Should multiple uses of a table connect only once via ODBC

I routinely see queries indicating millions of rows of data are being read when refreshing even if the final result for the data model may be less than 1,000 records. I’m wondering if I’m causing a heavier load when actually trying to lighten it.

As an example, say I need to reference data from table A for many queries in the same report. Is it better to make the ODBC connection to table A only once, select all of the columns which may be needed by various queries, filter where possible to include only the minimum number of rows needed, and then use that as the source for other queries rather than repeating the same process for each query individually?

In an attempt to explain it better, which is better below? Or is there a better answer I don’t mention?

Table A is used by queries numbered, 1,2,3,4,5.
Should I navigate via ODBC to Table A only once and then reference that connection in the 5 queries, or should each of the 5 queries navigate directly to Table A in my Oracle database.

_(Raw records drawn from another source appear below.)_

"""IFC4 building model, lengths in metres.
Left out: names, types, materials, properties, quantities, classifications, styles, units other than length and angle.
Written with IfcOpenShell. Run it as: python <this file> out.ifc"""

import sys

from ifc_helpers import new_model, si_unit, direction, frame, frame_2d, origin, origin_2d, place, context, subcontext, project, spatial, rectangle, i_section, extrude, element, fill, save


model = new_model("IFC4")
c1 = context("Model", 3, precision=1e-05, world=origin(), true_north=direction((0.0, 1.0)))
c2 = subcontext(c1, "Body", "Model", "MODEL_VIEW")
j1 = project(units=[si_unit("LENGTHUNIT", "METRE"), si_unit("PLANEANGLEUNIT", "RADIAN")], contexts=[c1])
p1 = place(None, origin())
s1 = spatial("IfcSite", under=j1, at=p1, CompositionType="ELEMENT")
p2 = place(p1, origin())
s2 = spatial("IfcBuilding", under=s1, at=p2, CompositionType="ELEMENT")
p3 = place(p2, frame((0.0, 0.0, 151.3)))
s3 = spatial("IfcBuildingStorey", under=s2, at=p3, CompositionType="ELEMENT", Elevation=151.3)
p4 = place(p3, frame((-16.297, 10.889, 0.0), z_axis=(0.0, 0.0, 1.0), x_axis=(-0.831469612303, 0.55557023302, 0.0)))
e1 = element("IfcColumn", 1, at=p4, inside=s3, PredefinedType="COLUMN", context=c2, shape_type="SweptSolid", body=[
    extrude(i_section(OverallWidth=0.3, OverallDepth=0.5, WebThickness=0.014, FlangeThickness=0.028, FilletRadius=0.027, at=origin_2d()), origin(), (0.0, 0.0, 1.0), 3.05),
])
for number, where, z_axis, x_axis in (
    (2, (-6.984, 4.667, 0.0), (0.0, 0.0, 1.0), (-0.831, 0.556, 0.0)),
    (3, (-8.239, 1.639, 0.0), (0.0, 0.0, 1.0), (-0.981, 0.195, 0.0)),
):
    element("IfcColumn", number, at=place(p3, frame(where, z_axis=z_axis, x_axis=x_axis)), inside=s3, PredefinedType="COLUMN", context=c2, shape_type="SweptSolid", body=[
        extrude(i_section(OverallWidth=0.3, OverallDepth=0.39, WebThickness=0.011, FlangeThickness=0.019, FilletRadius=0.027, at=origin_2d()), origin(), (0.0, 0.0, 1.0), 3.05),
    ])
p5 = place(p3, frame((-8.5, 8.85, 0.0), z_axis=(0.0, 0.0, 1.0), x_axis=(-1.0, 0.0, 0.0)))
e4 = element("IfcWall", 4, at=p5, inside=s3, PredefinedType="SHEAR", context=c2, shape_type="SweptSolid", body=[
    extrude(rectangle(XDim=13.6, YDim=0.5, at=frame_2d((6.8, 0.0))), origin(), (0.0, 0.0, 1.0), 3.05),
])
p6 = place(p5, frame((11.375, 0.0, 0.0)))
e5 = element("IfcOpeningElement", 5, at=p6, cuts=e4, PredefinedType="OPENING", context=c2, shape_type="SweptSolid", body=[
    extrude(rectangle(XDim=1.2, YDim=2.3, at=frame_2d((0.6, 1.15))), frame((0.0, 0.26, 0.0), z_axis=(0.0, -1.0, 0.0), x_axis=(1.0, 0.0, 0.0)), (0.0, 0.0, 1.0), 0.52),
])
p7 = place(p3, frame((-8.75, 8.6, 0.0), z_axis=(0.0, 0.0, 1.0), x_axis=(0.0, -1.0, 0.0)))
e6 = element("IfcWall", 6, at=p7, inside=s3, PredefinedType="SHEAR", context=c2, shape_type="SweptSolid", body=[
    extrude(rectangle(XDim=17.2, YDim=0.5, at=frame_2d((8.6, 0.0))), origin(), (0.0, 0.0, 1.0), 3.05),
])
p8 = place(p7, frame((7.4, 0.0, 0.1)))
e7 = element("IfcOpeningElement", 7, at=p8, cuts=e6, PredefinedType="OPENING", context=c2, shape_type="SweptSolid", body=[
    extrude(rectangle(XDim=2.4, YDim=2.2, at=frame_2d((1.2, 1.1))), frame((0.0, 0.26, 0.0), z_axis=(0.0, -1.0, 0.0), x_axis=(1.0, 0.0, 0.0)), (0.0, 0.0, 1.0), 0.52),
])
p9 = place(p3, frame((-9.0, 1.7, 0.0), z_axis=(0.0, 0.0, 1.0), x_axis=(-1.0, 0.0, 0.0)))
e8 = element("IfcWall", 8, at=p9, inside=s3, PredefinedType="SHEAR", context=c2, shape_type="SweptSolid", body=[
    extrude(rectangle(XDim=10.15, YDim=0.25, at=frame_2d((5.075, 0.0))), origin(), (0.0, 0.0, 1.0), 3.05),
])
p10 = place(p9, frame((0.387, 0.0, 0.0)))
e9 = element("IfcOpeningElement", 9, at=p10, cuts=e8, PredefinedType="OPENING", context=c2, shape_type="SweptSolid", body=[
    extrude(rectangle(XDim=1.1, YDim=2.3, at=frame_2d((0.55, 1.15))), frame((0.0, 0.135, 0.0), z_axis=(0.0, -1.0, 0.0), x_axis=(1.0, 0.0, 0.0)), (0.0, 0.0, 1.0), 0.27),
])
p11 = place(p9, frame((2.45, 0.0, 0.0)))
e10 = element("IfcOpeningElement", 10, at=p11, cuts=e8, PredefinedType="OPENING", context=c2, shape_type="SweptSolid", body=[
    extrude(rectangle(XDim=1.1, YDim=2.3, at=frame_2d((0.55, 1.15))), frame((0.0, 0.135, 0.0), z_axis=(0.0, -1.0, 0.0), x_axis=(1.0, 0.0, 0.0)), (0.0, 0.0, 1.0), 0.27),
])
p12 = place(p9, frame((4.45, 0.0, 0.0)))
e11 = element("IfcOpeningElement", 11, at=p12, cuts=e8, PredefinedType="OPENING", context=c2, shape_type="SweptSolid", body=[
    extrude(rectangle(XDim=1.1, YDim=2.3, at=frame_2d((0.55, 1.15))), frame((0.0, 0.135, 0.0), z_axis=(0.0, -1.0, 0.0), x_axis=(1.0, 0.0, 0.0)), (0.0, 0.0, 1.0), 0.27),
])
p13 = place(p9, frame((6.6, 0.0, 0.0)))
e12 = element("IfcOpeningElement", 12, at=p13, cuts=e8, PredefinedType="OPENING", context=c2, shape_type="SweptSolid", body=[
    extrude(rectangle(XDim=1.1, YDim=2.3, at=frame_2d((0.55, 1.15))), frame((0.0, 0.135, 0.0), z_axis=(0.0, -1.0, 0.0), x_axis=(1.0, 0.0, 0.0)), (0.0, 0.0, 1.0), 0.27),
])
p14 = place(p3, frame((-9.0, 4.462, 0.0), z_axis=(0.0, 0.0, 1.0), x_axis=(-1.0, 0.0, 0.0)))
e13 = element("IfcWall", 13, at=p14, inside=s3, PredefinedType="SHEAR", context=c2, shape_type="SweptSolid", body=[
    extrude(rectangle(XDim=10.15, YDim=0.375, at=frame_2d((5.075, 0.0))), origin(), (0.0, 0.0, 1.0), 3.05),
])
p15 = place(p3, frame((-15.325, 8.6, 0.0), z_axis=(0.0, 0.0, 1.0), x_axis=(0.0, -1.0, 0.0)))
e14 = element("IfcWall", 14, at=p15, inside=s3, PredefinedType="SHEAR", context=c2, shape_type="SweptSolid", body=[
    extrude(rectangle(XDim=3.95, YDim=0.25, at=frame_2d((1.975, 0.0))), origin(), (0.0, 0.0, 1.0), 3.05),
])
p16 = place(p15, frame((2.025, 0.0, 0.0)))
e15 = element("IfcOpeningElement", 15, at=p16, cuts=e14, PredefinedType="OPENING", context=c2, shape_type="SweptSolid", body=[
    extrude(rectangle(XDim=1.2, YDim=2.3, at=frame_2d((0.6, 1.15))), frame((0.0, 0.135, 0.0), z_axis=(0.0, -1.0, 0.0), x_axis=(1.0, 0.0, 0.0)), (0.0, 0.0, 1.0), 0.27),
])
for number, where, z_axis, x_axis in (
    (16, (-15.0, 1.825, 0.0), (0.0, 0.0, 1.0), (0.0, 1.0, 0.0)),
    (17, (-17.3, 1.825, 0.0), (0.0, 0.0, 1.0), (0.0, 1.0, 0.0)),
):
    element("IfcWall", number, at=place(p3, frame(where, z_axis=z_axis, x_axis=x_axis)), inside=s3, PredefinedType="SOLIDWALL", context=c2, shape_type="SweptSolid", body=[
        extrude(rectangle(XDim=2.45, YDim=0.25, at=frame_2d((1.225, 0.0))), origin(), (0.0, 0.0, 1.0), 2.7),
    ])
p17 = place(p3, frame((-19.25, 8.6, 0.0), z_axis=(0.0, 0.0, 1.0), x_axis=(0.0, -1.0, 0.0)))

We do not have a data warehouse but make connections to multiple Oracle tables via ODBC. This report references more than 30 separate Oracle tables, and each table may be used by anywhere from 1 to 10 queries which may in turn be merged in various combinations to create the data model used for the report. I wind up with a total of 24 fact or dimension tables used by one report when trying to reduce it to the minimum needed.

I’m basically trying to follow the mindset of referencing data tables as needed rather than duplicating them.

1 Like

Yes, referencing is your friend. Ideally, if possible, you should only pull the raw data in once from the data source. Once inside PQ, then this query can be set to “disable load” and used as a reference as many times as necessary.
Greg

Hi @pduffer,

Agree with @Greg referencing is your friend. :wink:
Maybe this article can help you optimize the merges.

Thanks @Greg , @Melissa!

I do eliminate all unnecessary columns, set to disable load, and then reference when needed. So at least I’m getting that part right!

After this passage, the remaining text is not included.